For a career in the judiciary | including district judge exams, Allahabad High Court, and All India Judges Examination | BHU Faculty of Law has a stronger track record and culture. The campus environment, proximity to the Allahabad High Court Bar, strong theoretical legal education, and BHU's broader UPSC/judiciary preparation ecosystem make it highly suited for aspirants targeting the judiciary. DU alumni also do well in the Delhi HC and Supreme Court, but the cultural emphasis at DU is more toward litigation and private practice than the lower judiciary. For judiciary aspirants, BHU is the recommended choice between the two.

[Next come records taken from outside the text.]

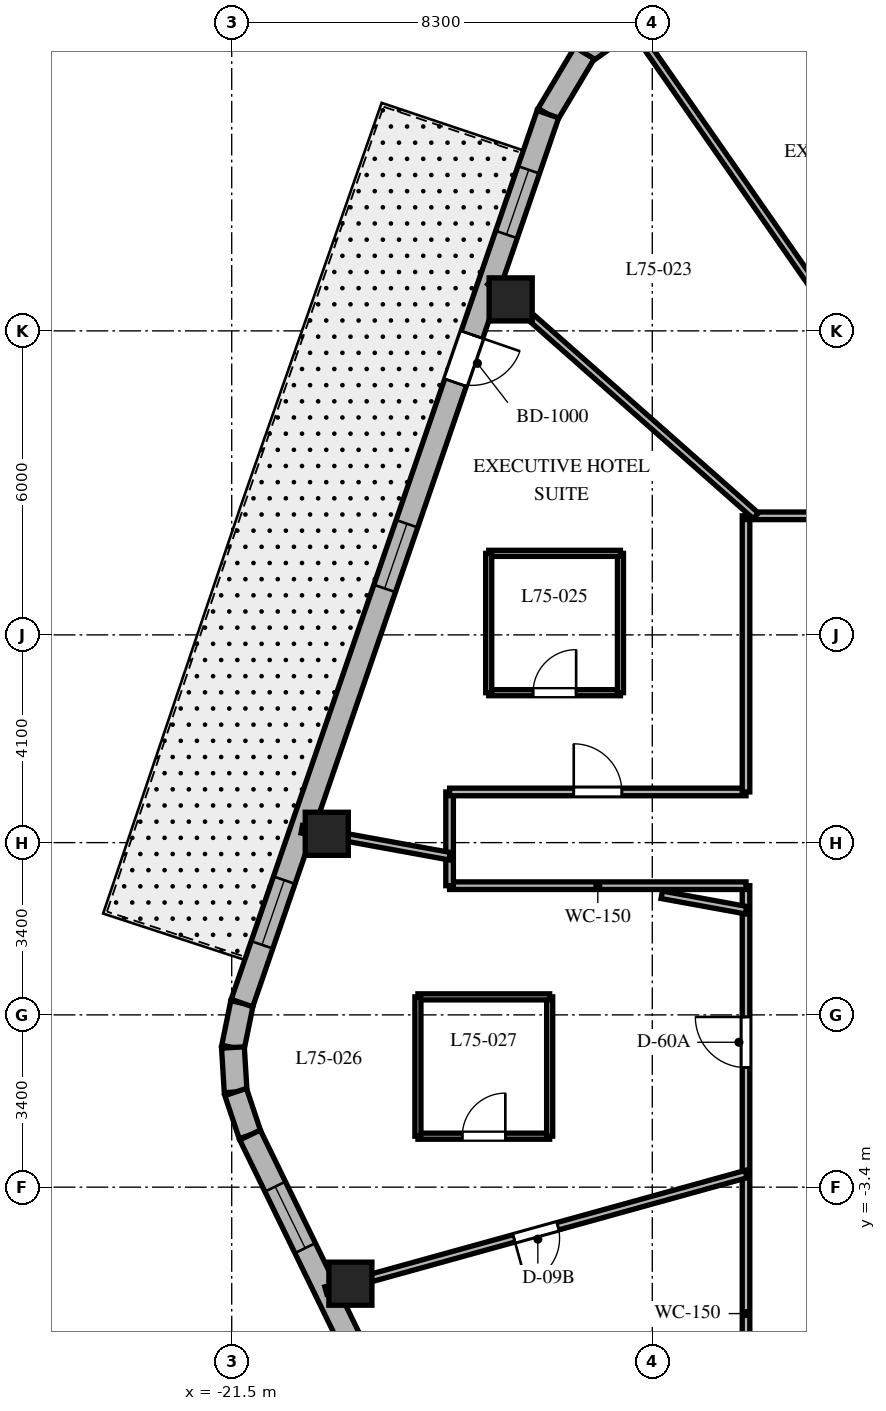
"""IFC4 building model, lengths in metres.
Left out: names, types, materials, properties, quantities, classifications, styles, units other than length and angle.
Written with IfcOpenShell. Run it as: python <this file> out.ifc"""

import sys

from ifc_helpers import new_model, si_unit, direction, frame, frame_2d, origin, origin_2d, place, context, subcontext, project, spatial, rectangle, extrude, element, fill, save


model = new_model("IFC4")
c1 = context("Model", 3, precision=1e-05, world=origin(), true_north=direction((0.0, 1.0)))
c2 = subcontext(c1, "Body", "Model", "MODEL_VIEW")
j1 = project(units=[si_unit("LENGTHUNIT", "METRE"), si_unit("PLANEANGLEUNIT", "RADIAN")], contexts=[c1])
p1 = place(None, origin())
s1 = spatial("IfcSite", under=j1, at=p1, CompositionType="ELEMENT")
p2 = place(p1, origin())
s2 = spatial("IfcBuilding", under=s1, at=p2, CompositionType="ELEMENT")
p3 = place(p2, frame((0.0, 0.0, 301.5)))
s3 = spatial("IfcBuildingStorey", under=s2, at=p3, CompositionType="ELEMENT", Elevation=301.5)
for number, where, z_axis, x_axis in (
    (1, (-15.995, 14.121, 0.0), (0.0, 0.0, 1.0), (1.0, 0.0, 0.0)),
    (2, (-19.624, 3.574, 0.0), (0.0, 0.0, 1.0), (1.0, 0.0, 0.0)),
    (3, (-19.158, -5.305, 0.0), (0.0, 0.0, 1.0), (1.0, 0.0, 0.0)),
):
    element("IfcColumn", number, at=place(p3, frame(where, z_axis=z_axis, x_axis=x_axis)), inside=s3, PredefinedType="COLUMN", context=c2, shape_type="SweptSolid", body=[
        extrude(rectangle(XDim=0.85, YDim=0.85, at=origin_2d()), origin(), (0.0, 0.0, 1.0), 3.9),
    ])
p4 = place(p3, frame((-13.415, 19.787, 0.0), z_axis=(0.0, 0.0, 1.0), x_axis=(-0.814055493997, -0.580787097561, 0.0)))
e4 = element("IfcWall", 4, at=p4, inside=s3, PredefinedType="SOLIDWALL", context=c2, shape_type="SweptSolid", body=[
    extrude(rectangle(XDim=1.383, YDim=0.45, at=frame_2d((0.691, 0.0))), origin(), (0.0, 0.0, 1.0), 3.58),
])
p5 = place(p3, frame((-14.54, 18.984, 0.0), z_axis=(0.0, 0.0, 1.0), x_axis=(-0.512374906623, -0.858761873317, 0.0)))
e5 = element("IfcWall", 5, at=p5, inside=s3, PredefinedType="SOLIDWALL", context=c2, shape_type="SweptSolid", body=[
    extrude(rectangle(XDim=1.406, YDim=0.45, at=frame_2d((0.703, 0.0))), origin(), (0.0, 0.0, 1.0), 3.58),
])
p6 = place(p3, frame((-21.298, 0.233, 0.0), z_axis=(0.0, 0.0, 1.0), x_axis=(-0.199158176661, -0.979967356941, 0.0)))
e6 = element("IfcWall", 6, at=p6, inside=s3, PredefinedType="SOLIDWALL", context=c2, shape_type="SweptSolid", body=[
    extrude(rectangle(XDim=0.895, YDim=0.45, at=frame_2d((0.447, 0.0))), origin(), (0.0, 0.0, 1.0), 3.58),
])
p7 = place(p3, frame((-21.476, -0.644, 0.0), z_axis=(0.0, 0.0, 1.0), x_axis=(0.061031097918, -0.998135865044, 0.0)))
e7 = element("IfcWall", 7, at=p7, inside=s3, PredefinedType="SOLIDWALL", context=c2, shape_type="SweptSolid", body=[
    extrude(rectangle(XDim=0.88, YDim=0.45, at=frame_2d((0.44, 0.0))), origin(), (0.0, 0.0, 1.0), 3.58),
])
p8 = place(p3, frame((-21.422, -1.522, 0.0), z_axis=(0.0, 0.0, 1.0), x_axis=(0.316964162323, -0.94843751497, 0.0)))
e8 = element("IfcWall", 8, at=p8, inside=s3, PredefinedType="SOLIDWALL", context=c2, shape_type="SweptSolid", body=[
    extrude(rectangle(XDim=0.895, YDim=0.45, at=frame_2d((0.448, 0.0))), origin(), (0.0, 0.0, 1.0), 3.58),
])
p9 = place(p3, frame((-15.26, 17.776, 0.0), z_axis=(0.0, 0.0, 1.0), x_axis=(-0.325407437101, -0.945573899745, 0.0)))
e9 = element("IfcWall", 9, at=p9, inside=s3, PredefinedType="SOLIDWALL", context=c2, shape_type="SweptSolid", body=[
    extrude(rectangle(XDim=18.552, YDim=0.45, at=frame_2d((9.276, 0.0))), origin(), (0.0, 0.0, 1.0), 3.58),
])
p10 = place(p9, frame((4.602, 0.0, 0.0)))
e10 = element("IfcOpeningElement", 10, at=p10, cuts=e9, PredefinedType="OPENING", context=c2, shape_type="SweptSolid", body=[
    extrude(rectangle(XDim=1.0, YDim=2.15, at=frame_2d((0.5, 1.075))), frame((0.0, 0.235, 0.0), z_axis=(0.0, -1.0, 0.0), x_axis=(1.0, 0.0, 0.0)), (0.0, 0.0, 1.0), 0.47),
])
p11 = place(p9, frame((1.161, 0.0, 0.8)))
e11 = element("IfcOpeningElement", 11, at=p11, cuts=e9, PredefinedType="OPENING", context=c2, shape_type="SweptSolid", body=[
    extrude(rectangle(XDim=1.35, YDim=1.75, at=frame_2d((0.675, 0.875))), frame((0.0, 0.235, 0.0), z_axis=(0.0, -1.0, 0.0), x_axis=(1.0, 0.0, 0.0)), (0.0, 0.0, 1.0), 0.47),
])
p12 = place(p9, frame((8.548, 0.0, 0.8)))
e12 = element("IfcOpeningElement", 12, at=p12, cuts=e9, PredefinedType="OPENING", context=c2, shape_type="SweptSolid", body=[
    extrude(rectangle(XDim=1.35, YDim=1.75, at=frame_2d((0.675, 0.875))), frame((0.0, 0.235, 0.0), z_axis=(0.0, -1.0, 0.0), x_axis=(1.0, 0.0, 0.0)), (0.0, 0.0, 1.0), 0.47),
])
p13 = place(p9, frame((15.987, 0.0, 0.8)))
e13 = element("IfcOpeningElement", 13, at=p13, cuts=e9, PredefinedType="OPENING", context=c2, shape_type="SweptSolid", body=[
    extrude(rectangle(XDim=1.35, YDim=1.75, at=frame_2d((0.675, 0.875))), frame((0.0, 0.235, 0.0), z_axis=(0.0, -1.0, 0.0), x_axis=(1.0, 0.0, 0.0)), (0.0, 0.0, 1.0), 0.47),
])
p14 = place(p3, frame((-21.138, -2.371, 0.0), z_axis=(0.0, 0.0, 1.0), x_axis=(0.438128124058, -0.89891253574, 0.0)))
e14 = element("IfcWall", 14, at=p14, inside=s3, PredefinedType="SOLIDWALL", context=c2, shape_type="SweptSolid", body=[
    extrude(rectangle(XDim=17.565, YDim=0.45, at=frame_2d((8.782, 0.0))), origin(), (0.0, 0.0, 1.0), 3.58),
])
p15 = place(p14, frame((1.133, 0.0, 0.8)))
e15 = element("IfcOpeningElement", 15, at=p15, cuts=e14, PredefinedType="OPENING", context=c2, shape_type="SweptSolid", body=[
    extrude(rectangle(XDim=1.35, YDim=1.75, at=frame_2d((0.675, 0.875))), frame((0.0, 0.235, 0.0), z_axis=(0.0, -1.0, 0.0), x_axis=(1.0, 0.0, 0.0)), (0.0, 0.0, 1.0), 0.47),
])
p16 = place(p14, frame((8.158, 0.0, 0.8)))
e16 = element("IfcOpeningElement", 16, at=p16, cuts=e14, PredefinedType="OPENING", context=c2, shape_type="SweptSolid", body=[
    extrude(rectangle(XDim=1.35, YDim=1.75, at=frame_2d((0.675, 0.875))), frame((0.0, 0.235, 0.0), z_axis=(0.0, -1.0, 0.0), x_axis=(1.0, 0.0, 0.0)), (0.0, 0.0, 1.0), 0.47),
])
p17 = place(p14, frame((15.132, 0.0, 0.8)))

Yes. BHU's 1,360-acre fully residential campus provides hostel accommodation to all enrolled students, including law students. BHU has separate hostels for male and female students. The hostel fee is approximately ₹5,375 per semester for male students (with comparable rates for female hostels). This exceptionally affordable residential facility | including campus mess, common rooms, and recreational areas | is one of BHU's greatest advantages over DU, where law students must typically arrange private accommodation in Delhi at 10–15 times the cost.